Luckily I have managed over the years, my trips, my journeys, and my jobs to make some solid and incredible friends. They really are not even friends, but truly a fortunate extension of my family. The best kind of relatives, because you get to chose your favorite friends! Am I side-tracking from my main subject, my move to Milan? Nope, not at all! This is all connected. If it wasn’t for this wonderful group of people that I have secretly named (yes, I did copy it from a movie) My Circle of Trust, I wouldn’t be here now. Wow, it sounds like the words from my show… it’s unbelievable how reality was so well woven in that script… So, I thank my Circle of Trust. I refuse to reveal their identities, or to even let them know who is in or not… let’s just say the Circle includes 9 people, purposely one of my favorite numbers as it is a multiple of 3 and the number of my birth month. Yes, I’m a freak!

So, here I am in Milan! I’m still in shock! I absolutely love it! When I was a teenager I used to believe I was going to move here to go to University… but my overly protective parents opposed (thinking it was too far! Well I showed them, didn’t I?), and subsequently I fell in love and decided to get married instead (the overly protective parents opposed on this decision too…. And obviously I did NOT listen).
So many years later, here I am! And it’s exactly how I had imagined it when I was sixteen.
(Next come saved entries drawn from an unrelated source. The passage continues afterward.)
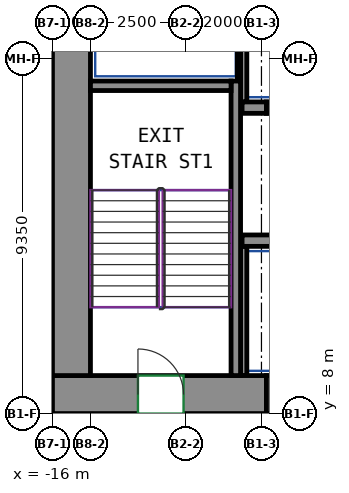
"""IFC4 building model, lengths in metres.
Left out: names, types, materials, properties, quantities, classifications, styles, units other than length and angle.
Written with IfcOpenShell. Run it as: python <this file> out.ifc"""

import sys

from ifc_helpers import new_model, si_unit, direction, frame, frame_2d, origin, place, context, subcontext, project, spatial, rectangle, extrude, source, transform, mapped, element, fill, save


model = new_model("IFC4")
c1 = context("Model", 3, precision=1e-05, world=origin(), true_north=direction((0.0, 1.0)))
c2 = subcontext(c1, "Body", "Model", "MODEL_VIEW")
j1 = project(units=[si_unit("LENGTHUNIT", "METRE"), si_unit("PLANEANGLEUNIT", "RADIAN")], contexts=[c1])
p1 = place(None, origin())
s1 = spatial("IfcSite", under=j1, at=p1, CompositionType="ELEMENT")
p2 = place(p1, origin())
s2 = spatial("IfcBuilding", under=s1, at=p2, CompositionType="ELEMENT")
p3 = place(p2, frame((0.0, 0.0, 51.0)))
s3 = spatial("IfcBuildingStorey", under=s2, at=p3, CompositionType="ELEMENT", Elevation=51.0)
m1 = source(origin(), c2, "Body", "SweptSolid", [
    extrude(rectangle(XDim=5.63, YDim=1.0, at=frame_2d((2.815, 0.0))), origin(), (0.0, 0.0, 1.0), 3.72),
])
p4 = place(p3, frame((-16.0, 8.5, 0.0), z_axis=(0.0, 0.0, 1.0), x_axis=(1.0, 0.0, 0.0)))
e1 = element("IfcWall", 1, at=p4, inside=s3, PredefinedType="SHEAR", context=c2, shape_type="MappedRepresentation", body=[
    mapped(m1, transform((0.0, 0.0, 0.0))),
])
p5 = place(p4, frame((2.25, 0.0, 0.0)))
e2 = element("IfcOpeningElement", 2, at=p5, cuts=e1, PredefinedType="OPENING", context=c2, shape_type="SweptSolid", body=[
    extrude(rectangle(XDim=1.2, YDim=2.1, at=frame_2d((0.6, 1.05))), frame((0.0, 0.51, 0.0), z_axis=(0.0, -1.0, 0.0), x_axis=(1.0, 0.0, 0.0)), (0.0, 0.0, 1.0), 1.02),
])
m2 = source(origin(), c2, "Body", "SweptSolid", [
    extrude(rectangle(XDim=12.0, YDim=1.0, at=frame_2d((6.0, 0.0))), origin(), (0.0, 0.0, 1.0), 3.72),
])
p6 = place(p3, frame((-15.5, 9.0, 0.0), z_axis=(0.0, 0.0, 1.0), x_axis=(0.0, 1.0, 0.0)))
e3 = element("IfcWall", 3, at=p6, inside=s3, PredefinedType="SHEAR", context=c2, shape_type="MappedRepresentation", body=[
    mapped(m2, transform((0.0, 0.0, 0.0))),
])
m3 = source(origin(), c2, "Body", "SweptSolid", [
    extrude(rectangle(XDim=7.75, YDim=0.25, at=frame_2d((3.875, 0.0))), origin(), (0.0, 0.0, 1.0), 3.72),
])
p7 = place(p3, frame((-11.175, 9.0, 0.0), z_axis=(0.0, 0.0, 1.0), x_axis=(0.0, 1.0, 0.0)))
e4 = element("IfcWall", 4, at=p7, inside=s3, PredefinedType="SHEAR", context=c2, shape_type="MappedRepresentation", body=[
    mapped(m3, transform((0.0, 0.0, 0.0))),
])
m4 = source(origin(), c2, "Body", "SweptSolid", [
    extrude(rectangle(XDim=3.7, YDim=0.25, at=frame_2d((1.85, 0.0))), origin(), (0.0, 0.0, 1.0), 3.72),
])
p8 = place(p3, frame((-15.0, 16.625, 0.0), z_axis=(0.0, 0.0, 1.0), x_axis=(1.0, 0.0, 0.0)))
e5 = element("IfcWall", 5, at=p8, inside=s3, PredefinedType="SHEAR", context=c2, shape_type="MappedRepresentation", body=[
    mapped(m4, transform((0.0, 0.0, 0.0))),
])
m5 = source(origin(), c2, "Body", "SweptSolid", [
    extrude(rectangle(XDim=6.0, YDim=0.3, at=frame_2d((3.0, 0.0))), origin(), (0.0, 0.0, 1.0), 3.72),
])
p9 = place(p3, frame((-11.01, 12.55, 0.0), z_axis=(0.0, 0.0, 1.0), x_axis=(1.0, 0.0, 0.0)))
e6 = element("IfcWall", 6, at=p9, inside=s3, PredefinedType="SHEAR", context=c2, shape_type="MappedRepresentation", body=[
    mapped(m5, transform((0.0, 0.0, 0.0))),
])
m6 = source(origin(), c2, "Body", "SweptSolid", [
    extrude(rectangle(XDim=0.64, YDim=0.3, at=frame_2d((0.32, 0.0))), origin(), (0.0, 0.0, 1.0), 3.72),
])
p10 = place(p3, frame((-11.01, 16.05, 0.0), z_axis=(0.0, 0.0, 1.0), x_axis=(1.0, 0.0, 0.0)))
e7 = element("IfcWall", 7, at=p10, inside=s3, PredefinedType="SHEAR", context=c2, shape_type="MappedRepresentation", body=[
    mapped(m6, transform((0.0, 0.0, 0.0))),
])
m7 = source(origin(), c2, "Body", "SweptSolid", [
    extrude(rectangle(XDim=1.4, YDim=0.3, at=frame_2d((0.7, 0.0))), origin(), (0.0, 0.0, 1.0), 3.72),
])
p11 = place(p3, frame((-10.37, 16.05, 0.0), z_axis=(0.0, 0.0, 1.0), x_axis=(1.0, 0.0, 0.0)))
e8 = element("IfcWall", 8, at=p11, inside=s3, PredefinedType="PARTITIONING", context=c2, shape_type="MappedRepresentation", body=[
    mapped(m7, transform((0.0, 0.0, 0.0))),
])
p12 = place(p11, frame((0.15, 0.0, 0.0)))
e9 = element("IfcOpeningElement", 9, at=p12, cuts=e8, PredefinedType="OPENING", context=c2, shape_type="SweptSolid", body=[
    extrude(rectangle(XDim=1.1, YDim=2.1, at=frame_2d((0.55, 1.05))), frame((0.0, 0.16, 0.0), z_axis=(0.0, -1.0, 0.0), x_axis=(1.0, 0.0, 0.0)), (0.0, 0.0, 1.0), 0.32),
])
m8 = source(origin(), c2, "Body", "SweptSolid", [
    extrude(rectangle(XDim=3.275, YDim=0.165, at=frame_2d((1.638, 0.0))), origin(), (0.0, 0.0, 1.0), 3.72),
])
p13 = place(p3, frame((-10.968, 16.2, 0.0), z_axis=(0.0, 0.0, 1.0), x_axis=(0.0, 1.0, 0.0)))
e10 = element("IfcWall", 10, at=p13, inside=s3, PredefinedType="PARTITIONING", context=c2, shape_type="MappedRepresentation", body=[
    mapped(m8, transform((0.0, 0.0, 0.0))),
])
m9 = source(origin(), c2, "Body", "SweptSolid", [
    extrude(rectangle(XDim=2.725, YDim=0.085, at=frame_2d((1.363, 0.0))), origin(), (0.0, 0.0, 1.0), 3.72),
])
p14 = place(p3, frame((-11.093, 16.75, 0.0), z_axis=(0.0, 0.0, 1.0), x_axis=(0.0, 1.0, 0.0)))
e11 = element("IfcWall", 11, at=p14, inside=s3, PredefinedType="PARTITIONING", context=c2, shape_type="MappedRepresentation", body=[
    mapped(m9, transform((0.0, 0.0, 0.0))),
])
m10 = source(origin(), c2, "Body", "SweptSolid", [
    extrude(rectangle(XDim=3.4, YDim=0.165, at=frame_2d((1.7, 0.0))), origin(), (0.0, 0.0, 1.0), 3.72),
])
p15 = place(p3, frame((-10.968, 9.0, 0.0), z_axis=(0.0, 0.0, 1.0), x_axis=(0.0, 1.0, 0.0)))
e12 = element("IfcWall", 12, at=p15, inside=s3, PredefinedType="PARTITIONING", context=c2, shape_type="MappedRepresentation", body=[
    mapped(m10, transform((0.0, 0.0, 0.0))),
])
m11 = source(origin(), c2, "Body", "SweptSolid", [
    extrude(rectangle(XDim=1.4, YDim=1.0, at=frame_2d((0.7, 0.0))), origin(), (0.0, 0.0, 1.0), 2.7),
])
p16 = place(p3, frame((-10.37, 8.5, 0.0), z_axis=(0.0, 0.0, 1.0), x_axis=(1.0, 0.0, 0.0)))
e13 = element("IfcWall", 13, at=p16, inside=s3, PredefinedType="PARTITIONING", context=c2, shape_type="MappedRepresentation", body=[
    mapped(m11, transform((0.0, 0.0, 0.0))),
])
p17 = place(p16, frame((0.25, 0.0, 0.0)))
e14 = element("IfcOpeningElement", 14, at=p17, cuts=e13, PredefinedType="OPENING", context=c2, shape_type="SweptSolid", body=[
    extrude(rectangle(XDim=0.9, YDim=2.1, at=frame_2d((0.45, 1.05))), frame((0.0, 0.51, 0.0), z_axis=(0.0, -1.0, 0.0), x_axis=(1.0, 0.0, 0.0)), (0.0, 0.0, 1.0), 1.02),
])
p18 = place(p5, origin())
e15 = element("IfcDoor", 15, at=p18, inside=s3, OperationType="DOUBLE_DOOR_SINGLE_SWING", PredefinedType="DOOR", context=c2, shape_type="SweptSolid", body=[
    extrude(rectangle(XDim=1.2, YDim=2.1, at=frame_2d((0.6, 1.05))), frame((0.0, 0.405, 0.0), z_axis=(0.0, -1.0, 0.0), x_axis=(1.0, 0.0, 0.0)), (0.0, 0.0, 1.0), 0.05),
])
fill(e2, e15)
save(model, sys.argv[1])

I imagined that after getting my degree, I would have found a great job, I would have stylishly dressed in grey and black on winter, I would have had a cute medium length haircut, and live on my own. I’m almost there! I got a job that I love, I got the haircut and clothes… and next I’m going to get that degree I have been wanting for so long. I already have an appointment tomorrow for some orientation! I swear, I’m on a roll this year. NOTHING will stop me!!!

I had started by saying how I had forgotten that I was Italian… I really had, and it was sad! I’m slowly re-acquiring my Italian flare. I walk down the streets enjoying the smell of cigarettes and espressos coming out of the busy and stylish cafes. I’m having to re-learn my beautiful and complex language as I speak like a foreign child! I’m breathing so much Italian through the sites of the monuments, art, architecture, and fashion that I feel high on this strange mixed sensation of pride for belonging to this culture. Women and men are nicely dressed, and pay attention to the detail in a very casual way, they have very fashionable haircuts. And something else I love, women wear make up! Women… are women and even having their careers, husbands and children they still like to look stunning… then again this is Milan, the capital of fashion!!!!
I just want to add that I feel thankful, grateful, and blessed! It’s only February and almost all my wishes and resolutions for this year have been already accomplished!